Aldheorte ormanında seyahat ederken, genç bir hizmetçi kızı ve kız kardeşini acımasız tazılardan kurtarırlar. Onları takip eden askerlerden kaçmalarına yardım eden bir cadı olan Geloë'ye giderler. Simon, Binabik ve Geloë, evindeyken de cevapları bulmaya çalışmak için Dreamroad'da yürür ama sadece bekleyen düşmanları bulur. Sonunda Prens Josua ile tanıştıkları Naglimund'a ulaşırlar. Elias'ın Naglimund'a doğru bir orduyu yönettiği yaygın olarak bilindiği için, Simon bir asker olmak için eğitim almaya başlar. Baskın sırasında [konsey], yaşlı bir adam belirir: Jarnauga. Orada, gezginler Minneyar (veya "Hafıza Yılı"), Üzüntü ve Thorn adlarıyla üç efsanevi kılıcın varlığını öğrenirler. Bu kılıçların büyüsü, kılıçlardan en az birine zaten sahip olan iki Yüce Kralın, eski Sithi'nin ve yeni taçlı insanın birleşik gücüne karşı tek umuttur. Ayrıca Sithi ve Fırtına Kralı'nın tarihini ve Sithi'nin kuzey kuzenleri olan Nornların Kraliçesi Utuk'u'nun varlığını öğrenirler. O zaman Simon, Hayhold'dan kaçtıktan hemen sonra kara büyü vizyonunun gerçek bir olaydan başka bir vizyon olmadığını ve beyaz yüzlü iblislerin aslında Nornlar olduğunu anlar. Naglimund'da Simon, Parşömen Birliği olarak bilinen, Morgenes'in de üyesi olduğu ve Jarnauga ve Binabik'in de üyesi olduğu küçük bir grup bilim adamından haberdar olur. Binabik, efendisi Ookequk'un ölümünden sonra yeni üyelerinden biridir. Osten Ard ülkesinin karşı karşıya olduğu gerçek tehlikenin farkında olan sadece Lig geçmiş zamanların bilgisine sahiptir ve bu genç Simon ve arkadaşları için tek kurtuluş umudu olabilir. Simon'ın dehşetine rağmen, kurtardıkları hizmetçi kız Marya'nın, babasının çılgınlığından amcasının davasına katılmak için kaçan Kral Elias'ın tek çocuğu ve kızı Miriamele olduğunu da öğrenir.

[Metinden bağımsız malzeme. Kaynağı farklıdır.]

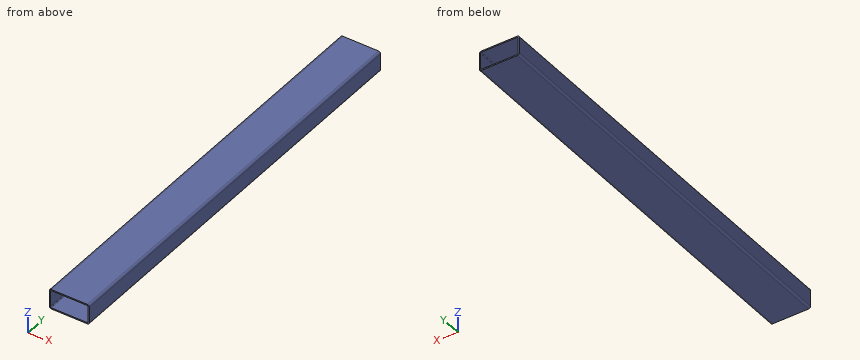
from build123d import *

# Parameters (mm, degrees)
EXTRUDE_THIN1_DEPTH = 1057


with BuildPart() as part:
    # Sketch1 → Extrude-Thin1 (new, symmetric)
    with BuildSketch(Plane(origin=(0, 0, 0), x_dir=(1, 0, 0), z_dir=(0, 1, 0))):
        with BuildLine():
            Line((-90, 50), (90, 50))
            ThreePointArc((90, 50), (97.071067812, 47.071067812), (100, 40))
            Line((100, 40), (100, -40))
            ThreePointArc((100, -40), (97.071067812, -47.071067812), (90, -50))
            Line((90, -50), (-90, -50))
            ThreePointArc((-90, -50), (-97.071067812, -47.071067812), (-100, -40))
            Line((-100, -40), (-100, 40))
            ThreePointArc((-100, 40), (-97.071067812, 47.071067812), (-90, 50))
        make_face()
        with BuildLine():
            Line((-90, 44), (90, 44))
            ThreePointArc((90, 44), (92.828427125, 42.828427125), (94, 40))
            Line((94, 40), (94, -40))
            ThreePointArc((94, -40), (92.828427125, -42.828427125), (90, -44))
            Line((90, -44), (-90, -44))
            ThreePointArc((-90, -44), (-92.828427125, -42.828427125), (-94, -40))
            Line((-94, -40), (-94, 40))
            ThreePointArc((-94, 40), (-92.828427125, 42.828427125), (-90, 44))
        make_face(mode=Mode.SUBTRACT)
    extrude(amount=EXTRUDE_THIN1_DEPTH, both=True)


solid = part.part
The model under review builds one solid part; all positions refer to its coordinate system, in mm. Coordinates: 2 decimals unless noted, no trailing zeros. Loops run counter-clockwise (first coordinate to the right, second up) from the corner with the lowest first, then second, coordinate; pieces in that order, holes last. Notation, with made-up numbers: (82, -11.5) -> (130, -11.5) arc R11 cw to (130, 8.5) -> close; hole circle Ø3 at (11, 47). An arc over 180 degrees is marked (long way). Use a Markdown table: item, result. Add a question column.
1. Add section C-C on y = -837.5. Write out the cut boundary in (x, z).
2. Add section A-A on z = -2. Write out the cut boundary in (x, y).
3. To check wall thickness, follow line 1 (Z direction, x = -52.5, y = -644); line 2 (X direction, y = 357, z = 32.5); line 3 (X direction, y = -545.5, z = 42). State the ranges of each line that lie inside material, in increasing order.
4. Add section B-B on x = -14. Write out the cut boundary in (y, z).
Returned:
| question | item | result |
|---|---|---|
| 1 | outline | (-100, -40) arc R10 ccw to (-90, -50) -> (90, -50) arc R10 ccw to (100, -40) -> (100, 40) arc R10 ccw to (90, 50) -> (-90, 50) arc R10 ccw to (-100, 40) -> close; hole (-94, -40) arc R4 ccw to (-90, -44) -> (90, -44) arc R4 ccw to (94, -40) -> (94, 40) arc R4 ccw to (90, 44) -> (-90, 44) arc R4 ccw to (-94, 40) -> close |
| 2 | outline | (-100, -1057) -> (-94, -1057) -> (-94, 1057) -> (-100, 1057) -> close; (94, -1057) -> (100, -1057) -> (100, 1057) -> (94, 1057) -> close |
| 3 | line 1 | z = -50 to -44, 44 to 50 |
| 3 | line 2 | x = -100 to -94, 94 to 100 |
| 3 | line 3 | x = -99.8 to -93.46, 93.46 to 99.8 |
| 4 | outline | (-1057, -50) -> (1057, -50) -> (1057, -44) -> (-1057, -44) -> close; (-1057, 44) -> (1057, 44) -> (1057, 50) -> (-1057, 50) -> close |

Daha sonra, bir zamanlar tarihin en büyük şövalyesi olan Camaris'e ait olan kara kılıç Thorn'un, sanıldığı gibi denizin derinliklerinde kaybolmadığını öğrenirler. Binabik'in atalarının evinin yakınında, kuzeyde donmuş yüksekliklerde hala var olabilir.

Simon ve Binabik, büyülü kılıcı kurtarmak için uzak kuzeye gitmek üzere bir grup askere katılır. Yol boyunca Sithi ile karşılaşırlar ve Simon'ın kurtardığı kişi, Jiriki adındaki iktidar Sarayının oğludur. Akrabalarından biri olan An'nai ile birlikte Sitha prensi, kuzeydeki maceralarına katılır ve çeşitli tehlikelerden kurtulmalarına yardım eder. Sonunda Simon ve küçük şirketi, güçlü kılıcın yuvası olan buzlu dağlara ulaşır. Simon kılıcı keşfeder, ancak kısa bir süre sonra topluluk şiddetli bir buz kurdu, Igjarjuk tarafından saldırıya uğrar. Simon, korkularına rağmen cesurca onunla savaşmaya çalışır ve bu süreçte bir yara alır.

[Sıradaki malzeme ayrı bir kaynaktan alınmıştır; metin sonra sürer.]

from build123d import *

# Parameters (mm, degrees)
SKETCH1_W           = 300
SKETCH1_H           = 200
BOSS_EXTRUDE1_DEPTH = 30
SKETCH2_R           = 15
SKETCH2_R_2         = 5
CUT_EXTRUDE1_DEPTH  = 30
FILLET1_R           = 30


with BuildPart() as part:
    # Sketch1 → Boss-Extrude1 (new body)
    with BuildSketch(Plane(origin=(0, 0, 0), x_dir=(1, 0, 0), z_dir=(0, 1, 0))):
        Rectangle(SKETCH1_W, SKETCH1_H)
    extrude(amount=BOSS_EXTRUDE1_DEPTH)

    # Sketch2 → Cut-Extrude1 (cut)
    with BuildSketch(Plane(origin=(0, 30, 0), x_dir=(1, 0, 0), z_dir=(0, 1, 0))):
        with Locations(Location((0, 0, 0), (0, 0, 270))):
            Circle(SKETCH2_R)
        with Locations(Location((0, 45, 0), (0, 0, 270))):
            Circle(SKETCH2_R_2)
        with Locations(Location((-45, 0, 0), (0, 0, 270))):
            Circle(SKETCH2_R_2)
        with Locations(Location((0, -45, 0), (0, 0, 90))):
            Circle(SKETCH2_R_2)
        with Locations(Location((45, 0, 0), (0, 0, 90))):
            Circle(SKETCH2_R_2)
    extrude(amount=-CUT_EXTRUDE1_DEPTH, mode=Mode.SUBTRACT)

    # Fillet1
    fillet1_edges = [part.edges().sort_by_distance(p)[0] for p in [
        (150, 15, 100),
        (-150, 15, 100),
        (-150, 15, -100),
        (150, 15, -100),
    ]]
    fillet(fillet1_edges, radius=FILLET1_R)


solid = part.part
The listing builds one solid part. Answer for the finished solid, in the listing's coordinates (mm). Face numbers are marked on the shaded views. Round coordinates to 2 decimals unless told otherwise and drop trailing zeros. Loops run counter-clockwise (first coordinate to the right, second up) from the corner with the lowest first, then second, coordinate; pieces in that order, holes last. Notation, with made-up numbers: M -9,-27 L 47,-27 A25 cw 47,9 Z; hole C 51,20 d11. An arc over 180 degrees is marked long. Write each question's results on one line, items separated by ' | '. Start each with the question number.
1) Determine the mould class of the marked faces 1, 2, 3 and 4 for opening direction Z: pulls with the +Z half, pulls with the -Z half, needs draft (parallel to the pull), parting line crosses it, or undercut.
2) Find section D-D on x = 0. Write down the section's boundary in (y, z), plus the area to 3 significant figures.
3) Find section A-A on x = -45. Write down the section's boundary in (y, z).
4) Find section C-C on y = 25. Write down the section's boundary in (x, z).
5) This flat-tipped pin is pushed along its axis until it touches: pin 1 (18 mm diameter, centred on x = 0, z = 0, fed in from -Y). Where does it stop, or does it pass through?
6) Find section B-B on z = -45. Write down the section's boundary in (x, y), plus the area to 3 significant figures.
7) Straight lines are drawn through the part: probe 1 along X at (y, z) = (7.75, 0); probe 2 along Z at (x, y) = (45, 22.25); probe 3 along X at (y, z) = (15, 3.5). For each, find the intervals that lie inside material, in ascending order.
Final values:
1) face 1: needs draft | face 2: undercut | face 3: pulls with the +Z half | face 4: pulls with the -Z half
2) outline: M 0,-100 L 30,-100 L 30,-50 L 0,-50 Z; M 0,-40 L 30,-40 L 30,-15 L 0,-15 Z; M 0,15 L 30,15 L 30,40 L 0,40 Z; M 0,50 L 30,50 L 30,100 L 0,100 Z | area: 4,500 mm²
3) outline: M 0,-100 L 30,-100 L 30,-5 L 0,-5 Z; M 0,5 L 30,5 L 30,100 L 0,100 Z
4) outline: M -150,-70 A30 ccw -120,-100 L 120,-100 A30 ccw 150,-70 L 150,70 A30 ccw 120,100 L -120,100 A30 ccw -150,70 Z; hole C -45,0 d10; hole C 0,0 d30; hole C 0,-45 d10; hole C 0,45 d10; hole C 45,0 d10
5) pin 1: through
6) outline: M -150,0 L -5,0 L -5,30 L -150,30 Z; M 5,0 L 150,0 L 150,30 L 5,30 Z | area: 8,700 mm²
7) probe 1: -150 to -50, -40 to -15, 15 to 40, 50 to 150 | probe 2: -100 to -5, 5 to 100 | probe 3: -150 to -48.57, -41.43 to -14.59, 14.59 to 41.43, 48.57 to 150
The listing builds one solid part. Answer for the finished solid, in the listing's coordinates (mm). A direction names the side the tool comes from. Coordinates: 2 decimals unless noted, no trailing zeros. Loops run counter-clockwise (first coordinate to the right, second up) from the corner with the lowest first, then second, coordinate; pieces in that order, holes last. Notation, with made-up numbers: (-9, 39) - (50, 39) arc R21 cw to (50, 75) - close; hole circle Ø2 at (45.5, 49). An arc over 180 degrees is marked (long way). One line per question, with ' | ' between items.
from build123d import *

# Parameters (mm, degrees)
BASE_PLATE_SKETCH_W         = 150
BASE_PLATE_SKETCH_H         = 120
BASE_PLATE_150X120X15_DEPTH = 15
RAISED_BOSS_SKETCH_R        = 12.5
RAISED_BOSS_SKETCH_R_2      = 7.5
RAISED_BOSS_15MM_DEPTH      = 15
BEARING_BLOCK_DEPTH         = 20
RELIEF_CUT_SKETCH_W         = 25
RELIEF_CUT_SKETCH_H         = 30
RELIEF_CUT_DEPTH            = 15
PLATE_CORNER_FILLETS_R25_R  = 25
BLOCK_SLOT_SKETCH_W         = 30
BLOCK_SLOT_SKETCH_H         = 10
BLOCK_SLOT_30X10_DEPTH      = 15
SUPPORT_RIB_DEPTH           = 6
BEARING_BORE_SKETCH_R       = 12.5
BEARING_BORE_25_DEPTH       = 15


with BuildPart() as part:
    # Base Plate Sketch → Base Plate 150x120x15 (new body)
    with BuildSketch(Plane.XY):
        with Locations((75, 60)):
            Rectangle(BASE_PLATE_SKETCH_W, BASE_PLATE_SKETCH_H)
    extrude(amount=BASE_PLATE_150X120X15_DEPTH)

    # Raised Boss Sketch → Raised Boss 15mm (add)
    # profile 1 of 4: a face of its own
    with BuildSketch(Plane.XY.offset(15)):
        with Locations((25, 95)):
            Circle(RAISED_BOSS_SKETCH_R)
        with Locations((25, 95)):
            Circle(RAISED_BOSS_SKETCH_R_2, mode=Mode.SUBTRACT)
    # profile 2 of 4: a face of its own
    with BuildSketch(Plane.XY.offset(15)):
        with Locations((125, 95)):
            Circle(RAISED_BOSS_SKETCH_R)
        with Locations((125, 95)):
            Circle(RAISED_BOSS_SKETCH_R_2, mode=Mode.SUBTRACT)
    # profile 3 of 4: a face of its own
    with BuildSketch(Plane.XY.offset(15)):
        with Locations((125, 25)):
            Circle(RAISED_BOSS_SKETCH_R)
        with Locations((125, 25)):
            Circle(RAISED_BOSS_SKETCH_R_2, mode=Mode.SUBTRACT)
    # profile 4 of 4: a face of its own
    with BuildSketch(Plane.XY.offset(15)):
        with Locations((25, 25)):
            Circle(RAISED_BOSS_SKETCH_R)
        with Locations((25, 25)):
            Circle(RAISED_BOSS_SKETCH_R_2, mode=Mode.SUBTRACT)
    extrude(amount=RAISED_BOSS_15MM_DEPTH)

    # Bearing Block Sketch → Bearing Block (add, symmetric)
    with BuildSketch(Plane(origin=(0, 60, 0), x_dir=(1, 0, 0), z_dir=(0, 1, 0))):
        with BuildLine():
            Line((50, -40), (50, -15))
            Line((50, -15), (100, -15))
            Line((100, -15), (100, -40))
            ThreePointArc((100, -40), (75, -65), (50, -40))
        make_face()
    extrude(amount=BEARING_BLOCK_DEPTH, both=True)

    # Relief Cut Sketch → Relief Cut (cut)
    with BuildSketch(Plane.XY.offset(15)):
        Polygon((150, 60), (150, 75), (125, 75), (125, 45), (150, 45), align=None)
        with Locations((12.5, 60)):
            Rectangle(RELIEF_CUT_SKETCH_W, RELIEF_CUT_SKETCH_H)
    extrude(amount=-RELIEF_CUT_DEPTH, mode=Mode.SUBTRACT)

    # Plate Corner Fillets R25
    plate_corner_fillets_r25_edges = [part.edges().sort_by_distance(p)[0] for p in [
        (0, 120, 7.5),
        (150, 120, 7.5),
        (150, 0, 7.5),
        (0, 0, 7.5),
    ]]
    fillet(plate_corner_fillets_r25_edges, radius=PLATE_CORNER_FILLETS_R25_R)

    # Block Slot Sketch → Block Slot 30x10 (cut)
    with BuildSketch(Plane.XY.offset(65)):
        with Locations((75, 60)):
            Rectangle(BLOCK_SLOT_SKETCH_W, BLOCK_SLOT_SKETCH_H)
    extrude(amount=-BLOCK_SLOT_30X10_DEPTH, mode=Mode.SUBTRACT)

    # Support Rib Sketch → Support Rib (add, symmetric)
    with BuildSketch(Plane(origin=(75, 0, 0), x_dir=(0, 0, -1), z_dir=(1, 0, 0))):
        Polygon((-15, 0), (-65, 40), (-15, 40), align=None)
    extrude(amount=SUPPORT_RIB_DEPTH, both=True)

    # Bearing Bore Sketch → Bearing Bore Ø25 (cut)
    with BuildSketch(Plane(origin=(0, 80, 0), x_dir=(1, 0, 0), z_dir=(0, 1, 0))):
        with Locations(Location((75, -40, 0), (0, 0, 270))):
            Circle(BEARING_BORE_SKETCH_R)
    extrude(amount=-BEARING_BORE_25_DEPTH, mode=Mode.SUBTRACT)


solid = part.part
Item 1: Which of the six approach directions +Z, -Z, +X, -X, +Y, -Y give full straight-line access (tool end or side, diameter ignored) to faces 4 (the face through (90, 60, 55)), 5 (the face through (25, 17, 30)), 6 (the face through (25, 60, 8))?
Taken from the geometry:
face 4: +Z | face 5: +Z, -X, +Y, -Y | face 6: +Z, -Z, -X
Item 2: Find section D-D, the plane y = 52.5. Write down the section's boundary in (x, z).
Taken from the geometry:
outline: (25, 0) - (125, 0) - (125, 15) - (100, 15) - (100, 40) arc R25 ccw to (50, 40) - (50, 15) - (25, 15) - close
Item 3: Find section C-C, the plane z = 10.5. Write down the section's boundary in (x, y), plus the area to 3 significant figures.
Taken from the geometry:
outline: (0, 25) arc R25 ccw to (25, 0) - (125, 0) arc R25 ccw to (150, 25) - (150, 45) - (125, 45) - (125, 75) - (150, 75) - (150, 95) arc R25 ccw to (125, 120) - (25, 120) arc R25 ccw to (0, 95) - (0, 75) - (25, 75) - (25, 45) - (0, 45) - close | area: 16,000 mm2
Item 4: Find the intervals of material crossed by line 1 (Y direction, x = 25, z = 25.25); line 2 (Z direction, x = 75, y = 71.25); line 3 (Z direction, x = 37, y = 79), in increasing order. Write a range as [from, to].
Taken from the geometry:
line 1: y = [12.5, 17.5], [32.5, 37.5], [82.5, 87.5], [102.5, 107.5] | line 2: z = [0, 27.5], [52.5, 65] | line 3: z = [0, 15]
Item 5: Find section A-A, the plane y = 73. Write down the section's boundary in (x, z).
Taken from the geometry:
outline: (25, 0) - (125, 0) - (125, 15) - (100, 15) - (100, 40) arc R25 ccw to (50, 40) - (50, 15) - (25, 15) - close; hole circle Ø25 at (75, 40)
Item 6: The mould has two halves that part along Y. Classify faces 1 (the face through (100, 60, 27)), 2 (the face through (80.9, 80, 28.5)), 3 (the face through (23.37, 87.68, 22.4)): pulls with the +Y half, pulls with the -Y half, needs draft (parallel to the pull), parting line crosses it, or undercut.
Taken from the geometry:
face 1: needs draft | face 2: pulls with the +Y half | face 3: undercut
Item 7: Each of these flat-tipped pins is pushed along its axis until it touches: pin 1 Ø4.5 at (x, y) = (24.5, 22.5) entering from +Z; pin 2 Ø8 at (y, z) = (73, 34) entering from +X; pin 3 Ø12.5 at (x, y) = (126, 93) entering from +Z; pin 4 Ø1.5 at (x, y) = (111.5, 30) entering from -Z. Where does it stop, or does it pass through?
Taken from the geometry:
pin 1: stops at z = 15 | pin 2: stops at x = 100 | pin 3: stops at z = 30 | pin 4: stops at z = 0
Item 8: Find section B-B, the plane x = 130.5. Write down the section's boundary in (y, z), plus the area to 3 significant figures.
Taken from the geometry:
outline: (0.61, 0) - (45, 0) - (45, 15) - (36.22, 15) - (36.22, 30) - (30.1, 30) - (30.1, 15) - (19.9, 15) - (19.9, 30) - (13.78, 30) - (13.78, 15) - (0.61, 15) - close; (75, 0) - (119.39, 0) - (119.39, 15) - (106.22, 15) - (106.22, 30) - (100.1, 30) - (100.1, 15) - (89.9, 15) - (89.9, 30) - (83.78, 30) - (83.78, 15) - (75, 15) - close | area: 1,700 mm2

Roman ilerledikçe anlatı genişler ve okuyucuya Simon'unkiler dışında ikincil bakış açıları verir. Yine de büyük önemi olan yan hikayelerden bazıları Rimmersgard Dükü Isgrimnur; Hernystiri'nin kızı Maegwin müşteri kral; ve uzak Güney bataklıklarında bir yazıcı olan Tiamak.

Kralın kızı Miriamele, Naglimund'da amcasına kaçtı. Ancak onun koruyuculuğu onu hayal kırıklığına uğratır, bu yüzden Nabban'daki akrabalarına düşmeden önce Naglimund'dan kaçarak onların sadakatini kazanmaya çalışır. Cadrach adında sarhoş bir keşiş onunla seyahat eder; birçok sırrı ve gizemli bir geçmişi vardır. İsgrimmnur, güvenliğini sağlamak ve Josua'ya geri göndermek için Miriamele'nin peşinden gönderilir.

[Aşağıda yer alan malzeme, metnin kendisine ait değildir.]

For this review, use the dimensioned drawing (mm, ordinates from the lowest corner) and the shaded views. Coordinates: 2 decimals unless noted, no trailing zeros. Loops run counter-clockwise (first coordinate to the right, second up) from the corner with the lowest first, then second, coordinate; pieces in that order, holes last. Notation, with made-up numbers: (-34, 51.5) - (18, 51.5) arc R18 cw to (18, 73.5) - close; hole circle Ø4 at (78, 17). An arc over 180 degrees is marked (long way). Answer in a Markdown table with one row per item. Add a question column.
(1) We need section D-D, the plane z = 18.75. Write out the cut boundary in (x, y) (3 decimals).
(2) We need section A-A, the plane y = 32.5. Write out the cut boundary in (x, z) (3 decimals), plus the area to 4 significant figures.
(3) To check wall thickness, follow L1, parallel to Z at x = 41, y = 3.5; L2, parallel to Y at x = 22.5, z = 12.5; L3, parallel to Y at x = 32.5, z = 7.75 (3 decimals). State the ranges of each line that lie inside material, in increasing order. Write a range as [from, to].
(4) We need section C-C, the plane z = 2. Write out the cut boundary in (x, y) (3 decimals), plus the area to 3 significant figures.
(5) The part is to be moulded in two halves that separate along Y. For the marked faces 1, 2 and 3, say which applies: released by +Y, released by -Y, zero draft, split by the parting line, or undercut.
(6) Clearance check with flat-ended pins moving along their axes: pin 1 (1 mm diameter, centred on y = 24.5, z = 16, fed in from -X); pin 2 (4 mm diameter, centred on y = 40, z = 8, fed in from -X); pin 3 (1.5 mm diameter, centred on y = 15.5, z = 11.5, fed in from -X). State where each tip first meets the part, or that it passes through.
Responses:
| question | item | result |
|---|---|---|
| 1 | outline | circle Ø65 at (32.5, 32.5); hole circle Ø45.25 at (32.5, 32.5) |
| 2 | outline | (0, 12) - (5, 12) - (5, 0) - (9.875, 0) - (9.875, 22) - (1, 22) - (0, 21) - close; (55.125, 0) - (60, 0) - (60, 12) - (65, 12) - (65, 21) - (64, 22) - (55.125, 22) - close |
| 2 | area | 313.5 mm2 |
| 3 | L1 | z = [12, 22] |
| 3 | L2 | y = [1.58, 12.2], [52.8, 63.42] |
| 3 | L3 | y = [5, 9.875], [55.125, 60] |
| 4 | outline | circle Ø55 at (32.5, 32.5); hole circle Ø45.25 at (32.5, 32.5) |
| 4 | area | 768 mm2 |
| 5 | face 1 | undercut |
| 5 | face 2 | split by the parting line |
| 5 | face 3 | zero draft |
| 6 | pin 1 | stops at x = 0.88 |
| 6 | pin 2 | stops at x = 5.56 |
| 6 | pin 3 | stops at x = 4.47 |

Hernystir'de kral ve oğlu öldürülür ve halkı dağlara saklanmaya zorlanır. Orada Kont Eolair, kralın kızı Maegwin'e yardım etmeye çalışır, ancak halkını kurtarmanın bir yolunu bulmaya çalışırken deliliğe kapılır.

Kitap, Naglimund'un düşüşüyle ​​sona erer: Kral Elias, Fırtına Kralı'nın şartlarını ve pazarlığını kabul ettikten sonra, Fırtına Kralı'nın bir sürü Norn, dev ve ölümsüz hizmetkarı gelir ve kaleyi tamamen yok eder. Josua, aralarında yeminli kılıcı olan Deornoth ve İsgrimmnur'un karısı ve oğlu Gutrun ve Isorn'un da bulunduğu 11 kişiyle birlikte kaçar. Simon, yüzünde uzun bir yanık izi ve bembeyaz bir saç parçası olduğunu bulmak için ejderhanın ardından gözlerini açar.